Автор книги: Ольга Смирницкая
Жанр: Прочая образовательная литература, Наука и Образование
сообщить о неприемлемом содержимом
Текущая страница: 8 (всего у книги 11 страниц)
2. Квидухатт как стихотворная форма
Сам термин «квидухатт» (kviðuháttr) – в значительной степени создание современных филологов. Как название определенной стихотворной формы он встречается в стихотворном перечне размеров Оркнейского ярла Рёгнвальда (так наз. Háttalykill – «Ключ размеров», сер. XII в.). Две строфы, сочиненные Рёгнвальдом в качестве образца этой формы, сохранились лишь во фрагментарном виде. Насколько можно судить по уцелевшим фрагментам (Skj I, 488), строфы, обозначенные как квидухатт, содержат восемь строк и членятся на полустрофы – хельминги, т. е. не отличаются в этом отношении от других скальдических размеров. Это в своей основе слогосчитающий размер, в котором чередуются трехсложные (нечетные) и четырехсложные (четные) строки. Однако в одной из четырех сохранившихся нечетных строк не три (как, например, в строке 2b.6. heiðar hvals «кита пустоши»), а четыре слога: 2b.5. blés of vísa «изрыгал (яд) на князя». Тем самым она не отличается от четных строк, таких, например, как 2b.4. skreið at vatni «уполз к воде». Схему всех четных строк в квидухатте Рёгнвальда можно понять как А-стих эпического стиха (форнюрдислага) с односложными спадами. В четных строках других стихов, относимых к квидухатту, находят и иные эддические схемы, урегулированные на силлабической основе; ср. в «Утрате сыновей»: 4.2. á enda stendr (В-стих), 6.6. ok opit standa (С-стих); в «Перечне Инглингов»: 1.8. of viða skyldi (С-стих), 4.12. glymjandi beit (E-стих). Трехсложные (нечетные) строки, соответственно, трактуются как усеченные эддические схемы. Например, строка «Перечня Инглингов» 2.1. En dagskjarr трактуется как С-стих с усеченным конечным спадом. Не остается незамеченной и бóльшая «естественность» схем квидухатта сравнительно с дротткветтными, т. е. их тесная связь с фразовым ритмом языка и отсюда – с метрическими рангами отдельных разрядов слов. В целом квидухатт определяют как размер, переходный между эддической и скальдической метрикой.

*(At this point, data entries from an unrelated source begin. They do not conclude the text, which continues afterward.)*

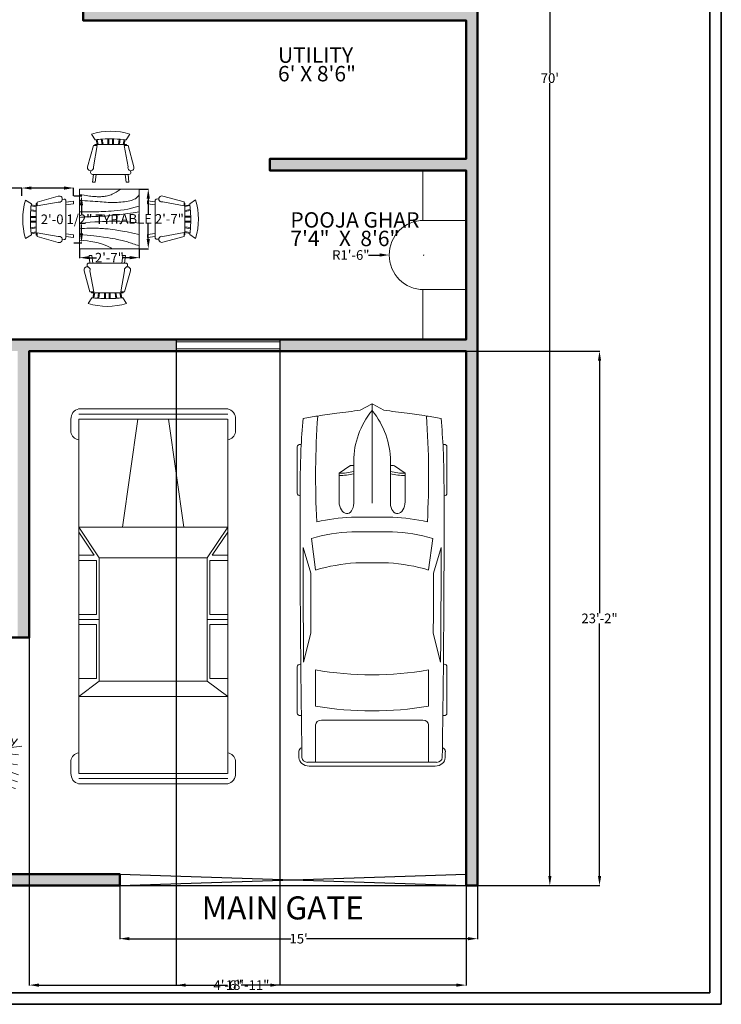
# Model space of a CAD drawing. Units: inches. Extents: x -60 to 743, y -483 to 510.
# Tile 4 of 7: x 378 to 743, y -483 to 29. Entities that reach past the tile are written whole.
import ezdxf

# ---------------------------------------------------------------- set-up
doc = ezdxf.new("R2010")
doc.units = ezdxf.units.IN
doc.header["$MEASUREMENT"] = 0
for name, color, linetype, lineweight in [('A-ANNO-DIMS', 2, 'Continuous', 18), ('A-ANNO-TEXT', 7, 'Continuous', 25), ('A-ANNO-TTLB', 7, 'Continuous', 35), ('A-AREA-IDEN', 7, 'Continuous', 25), ('A-WALL-PATT', 30, 'Continuous', 13), ('CARS', 131, 'Continuous', 13), ('FURNITURE', 40, 'Continuous', 18), ('GATE', 150, 'Continuous', 25), ('TREES', 80, 'Continuous', 13), ('WALL BOUNDRY', 10, 'Continuous', 50), ('WINDOW', 200, 'Continuous', 18)]:
    doc.layers.add(name, color=color, linetype=linetype, lineweight=lineweight)
doc.styles.get("Standard").update_dxf_attribs({"font": 'arial.ttf'})
doc.dimstyles.get("Standard").update_dxf_attribs({"dimtxt": 5, "dimasz": 5, "dimexe": 0.18, "dimexo": 0.0625, "dimgap": 0.09, "dimtad": 0, "dimtih": 1, "dimtoh": 1, "dimdec": 1, "dimzin": 0, "dimdsep": 46, "dimlunit": 4, "dimtxsty": 'Standard', "dimcen": 0.09, "dimadec": 0, "dimazin": 0, "dimtfac": 1, "dimtdec": 1, "dimtofl": 0, "dimtmove": 0, "dimatfit": 3, "dimfxl": 1, "dimtolj": 1, "dimtzin": 0, "dimarcsym": 0})

# ---------------------------------------------------------------- blocks, each defined once
blk = doc.blocks.new('Chair - Rocking')
for p, q in [((-8, -4.5), (-10, -1.5)), ((-7.5, -4.5), (-7, -7)), ((-6.5, -7), (-7.02225, -4.43)), ((-4.5, -7), (-4.96674, -4.19951)), ((-4, -7), (-4.40532, -4.16272)), ((-1.5, -4.05012), (-1.5, -7)), ((-1, -7), (-1, -4.05012)), ((1, -7), (1, -4.04655)), ((1.5, -4.05012), (1.5, -7)), ((4, -7), (4.40187, -4.18694)), ((4.5, -7), (4.96761, -4.19437)), ((6.5, -7), (7, -4.4057)), ((7.5, -4.5), (7, -7)), ((8, -4.5), (10, -1.5)), ((-9, -7.5), (-12, -18.49999)), ((-7, -7.5), (-9, -7.5)), ((-9, -18.49999), (-7, -7.5)), ((-8.23428, -6.99939), (-8.3093, -7.47958)), ((-8.23041, -7), (8.23915, -7)), ((7, -7.5), (9, -7.5)), ((9, -18.49999), (7, -7.5)), ((8.31071, -7.48854), (8.23449, -7.00073)), ((9, -7.5), (12, -18.49999)), ((-10.36644, -20.64523), (-10.5, -21.49999)), ((-9, -22.49999), (-9.5, -26.49999)), ((0, -22.49999), (-9.5, -22.49999)), ((-8, -26.49999), (-7.5, -22.49999)), ((0, -22.49999), (9.5, -22.49999)), ((8, -26.49999), (7.5, -22.49999)), ((9, -22.49999), (9.5, -26.49999)), ((10.5, -21.49999), (10.3575, -20.58798)), ((-9.5, -26.49999), (-8, -26.49999)), ((9.5, -26.49999), (8, -26.49999))]:
    blk.add_line(p, q)
for centre, radius, start, end in [((0, -34.08333), 34.08333, 72.93847, 107.0615), ((0, -68.25004), 64.25, 93.92211, 97.15267), ((0, -68.25004), 64.25, 82.84733, 93.92211), ((-10.5, -18.99999), 1.58114, 161.5651, 18.43495), ((10.5, -18.99999), 1.58114, 161.5651, 18.43495), ((-9.5, -21.49999), 1, 180, 270), ((9.5, -21.49999), 1, 270, 0)]:
    blk.add_arc(centre, radius, start, end)
blk = doc.blocks.new('Table - Square Woodgrain 42 x 42 in.')
blk.add_line((0, -42), (42, -42))
for points in [[(0, -4), (1.704, -4.2172), (3.2358, -4.4188), (4.615, -4.604), (5.8615, -4.7721), (6.9951, -4.9224), (8.0357, -5.0541), (9.0031, -5.1667), (9.9171, -5.2594), (10.7951, -5.3316), (11.6445, -5.3836), (12.4702, -5.4157), (13.277, -5.4283), (14.0698, -5.4217), (14.8535, -5.3964), (15.6331, -5.3526), (16.4133, -5.2908), (17.1986, -5.2103), (17.9913, -5.1062), (18.793, -4.9727), (19.6056, -4.8038), (20.4307, -4.5937), (21.2701, -4.3365), (22.1256, -4.0262), (22.9989, -3.6571), (23.888, -3.2272), (24.7756, -2.7516), (25.6408, -2.2491), (26.4624, -1.7387), (27.2195, -1.2395), (27.891, -0.7703), (28.456, -0.3501), (28.8934, 0.002)], [(0, -42), (0, 0), (42, 0), (42, -42)], [(0, -8), (1.8203, -8.1001), (3.6741, -8.2149), (5.5411, -8.3408), (7.4011, -8.4741), (9.2339, -8.6112), (11.0193, -8.7484), (12.7371, -8.8821), (14.3671, -9.0086), (15.8954, -9.1246), (17.3337, -9.2278), (18.6997, -9.3159), (20.0116, -9.387), (21.2871, -9.4389), (22.5442, -9.4696), (23.8008, -9.477), (25.0749, -9.459), (26.3791, -9.4137), (27.7049, -9.3403), (29.0383, -9.2382), (30.3655, -9.1068), (31.6728, -8.9455), (32.9461, -8.7535), (34.1717, -8.5304), (35.3358, -8.2756), (36.4268, -7.9863), (37.443, -7.6521), (38.3849, -7.2603), (39.253, -6.7986), (40.048, -6.2542), (40.7705, -5.6147), (41.421, -4.8674), (42, -4)], [(42, -12), (39.1784, -12.8621), (36.4519, -13.5654), (33.8246, -14.1294), (31.3004, -14.5731), (28.8832, -14.9161), (26.577, -15.1775), (24.3858, -15.3768), (22.3136, -15.5332), (20.3622, -15.6632), (18.5254, -15.7718), (16.7947, -15.8612), (15.1618, -15.9338), (13.6183, -15.9916), (12.1558, -16.0369), (10.7659, -16.0718), (9.4403, -16.0987), (8.1703, -16.1191), (6.9461, -16.1325), (5.7577, -16.1377), (4.595, -16.1335), (3.4479, -16.1188), (2.3064, -16.0924), (1.1604, -16.0532), (0, -16)], [(42, -16), (37.6529, -16.7365), (33.8802, -17.329), (30.6179, -17.7961), (27.8015, -18.1561), (25.3668, -18.4275), (23.2497, -18.6288), (21.3859, -18.7785), (19.7111, -18.8949), (18.1693, -18.9939), (16.7375, -19.0795), (15.401, -19.1534), (14.1449, -19.217), (12.9544, -19.2717), (11.8148, -19.3191), (10.7113, -19.3606), (9.6291, -19.3976), (8.5534, -19.4323), (7.47, -19.4689), (6.3643, -19.5122), (5.222, -19.5672), (4.0288, -19.6386), (2.7703, -19.7313), (1.4321, -19.8501), (0, -20)], [(0, -24), (3.9243, -23.6805), (7.4766, -23.4138), (10.6891, -23.1954), (13.5943, -23.0205), (16.2247, -22.8847), (18.6125, -22.7832), (20.7903, -22.7116), (22.7903, -22.6651), (24.6563, -22.642), (26.4764, -22.6507), (28.35, -22.7024), (30.3766, -22.8084), (32.6555, -22.98), (35.2861, -23.2283), (38.3678, -23.5645), (42, -24)], [(42, -32), (37.392, -31.017), (33.4585, -30.2231), (30.1291, -29.5949), (27.3334, -29.109), (25.0009, -28.742), (23.0612, -28.4707), (21.4439, -28.2716), (20.0786, -28.1215), (18.8998, -28.0002), (17.8609, -27.9014), (16.9206, -27.8219), (16.0371, -27.7588), (15.1691, -27.709), (14.2748, -27.6693), (13.3128, -27.6368), (12.2415, -27.6083), (11.0295, -27.5824), (9.6867, -27.5643), (8.233, -27.5608), (6.6884, -27.5787), (5.0728, -27.6248), (3.4062, -27.7058), (1.7086, -27.8286), (0, -28)], [(0, -32), (5.4026, -32.5358), (9.9494, -33.019), (13.7424, -33.4553), (16.8834, -33.8505), (19.4743, -34.2106), (21.6171, -34.5413), (23.4136, -34.8486), (24.9657, -35.1382), (26.3614, -35.4156), (27.6332, -35.6841), (28.7995, -35.9467), (29.8788, -36.2064), (30.8897, -36.4661), (31.8507, -36.7288), (32.7802, -36.9973), (33.6968, -37.2747), (34.6175, -37.5635), (35.5531, -37.8651), (36.5128, -38.1805), (37.506, -38.5108), (38.5421, -38.8568), (39.6302, -39.2197), (40.7797, -39.6004), (42, -40)], [(0, -36), (3.0098, -36.2857), (5.5354, -36.5643), (7.6368, -36.8359), (9.374, -37.1009), (10.807, -37.3597), (11.9957, -37.6126), (13.0002, -37.8599), (13.8804, -38.102), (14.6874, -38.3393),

Однако эта характеристика, восходящая к «Древнегерманской метрике» Э. Зиверса [Sievers 1893, 42—44] и ориентированная на некую усредненную метрическую норму схем квидухатта, недостаточно информативна для понимания соотношения между «строгой» и «свободной» разновидностями квидухатта и места этого размера среди главных форм древнескандинавского стиха. Исходя из датировки дошедших до нас образцов квидухатта принято считать квидухатт Тьодольва первичной, своего рода эталонной формой. К этому мнению склонялся в своей докторской диссертации «Поэзия скальдов» и М. И. Стеблин-Каменский: «Kviðuháttr появляется впервые при Харальде Харфагре. Тьодольв из Хвина применил его в Ynglingatal и вслед за ним Эйвинд в аналогичной Háleygjatal. Им сочинены Noregskonunga tal (ок. 1200 г.), Hákonarkviða Стурлы, ряд отдельных вис и некоторые другие стихотворения. 〈...〉 Этот строгий размер с его правильно чередующимися короткими строчками казался, видимо, особенно подходящим для стихотворной историографии, для нанизывания сухих генеалогических или исторических сведений 〈...〉. Тем удивительнее, что этим размером написана поэма, которая представляет собой наиболее оригинальное проявление личности во всей древнескандинавской литературе, а именно Sonatorrek» [Стеблин-Каменский 1947, 112—113]. Но можно было бы найти и некоторые доводы против взгляда на «строгий» квидухатт как на первичную форму. Так, внутренняя форма самого слова kviðuháttr, т. е. «размер песней» (к kviða «песнь»), скорее позволяет думать, что он издревле употреблялся не для хранения «ученой» информации, а как размер неких повествовательных песней, сравнимых с эддическими kviður (сочиненными в форнюрдислаге; ср. [Cl-V, 363]). Несомненно, во всяком случае, что в исландских родовых сагах квидухатт и форнюрдислаг предельно сближаются и даже смешиваются в таком низовом жанре, как «квидлинги» (kviðlingar, букв. «стишки»; см. [Свердлов, 2004]).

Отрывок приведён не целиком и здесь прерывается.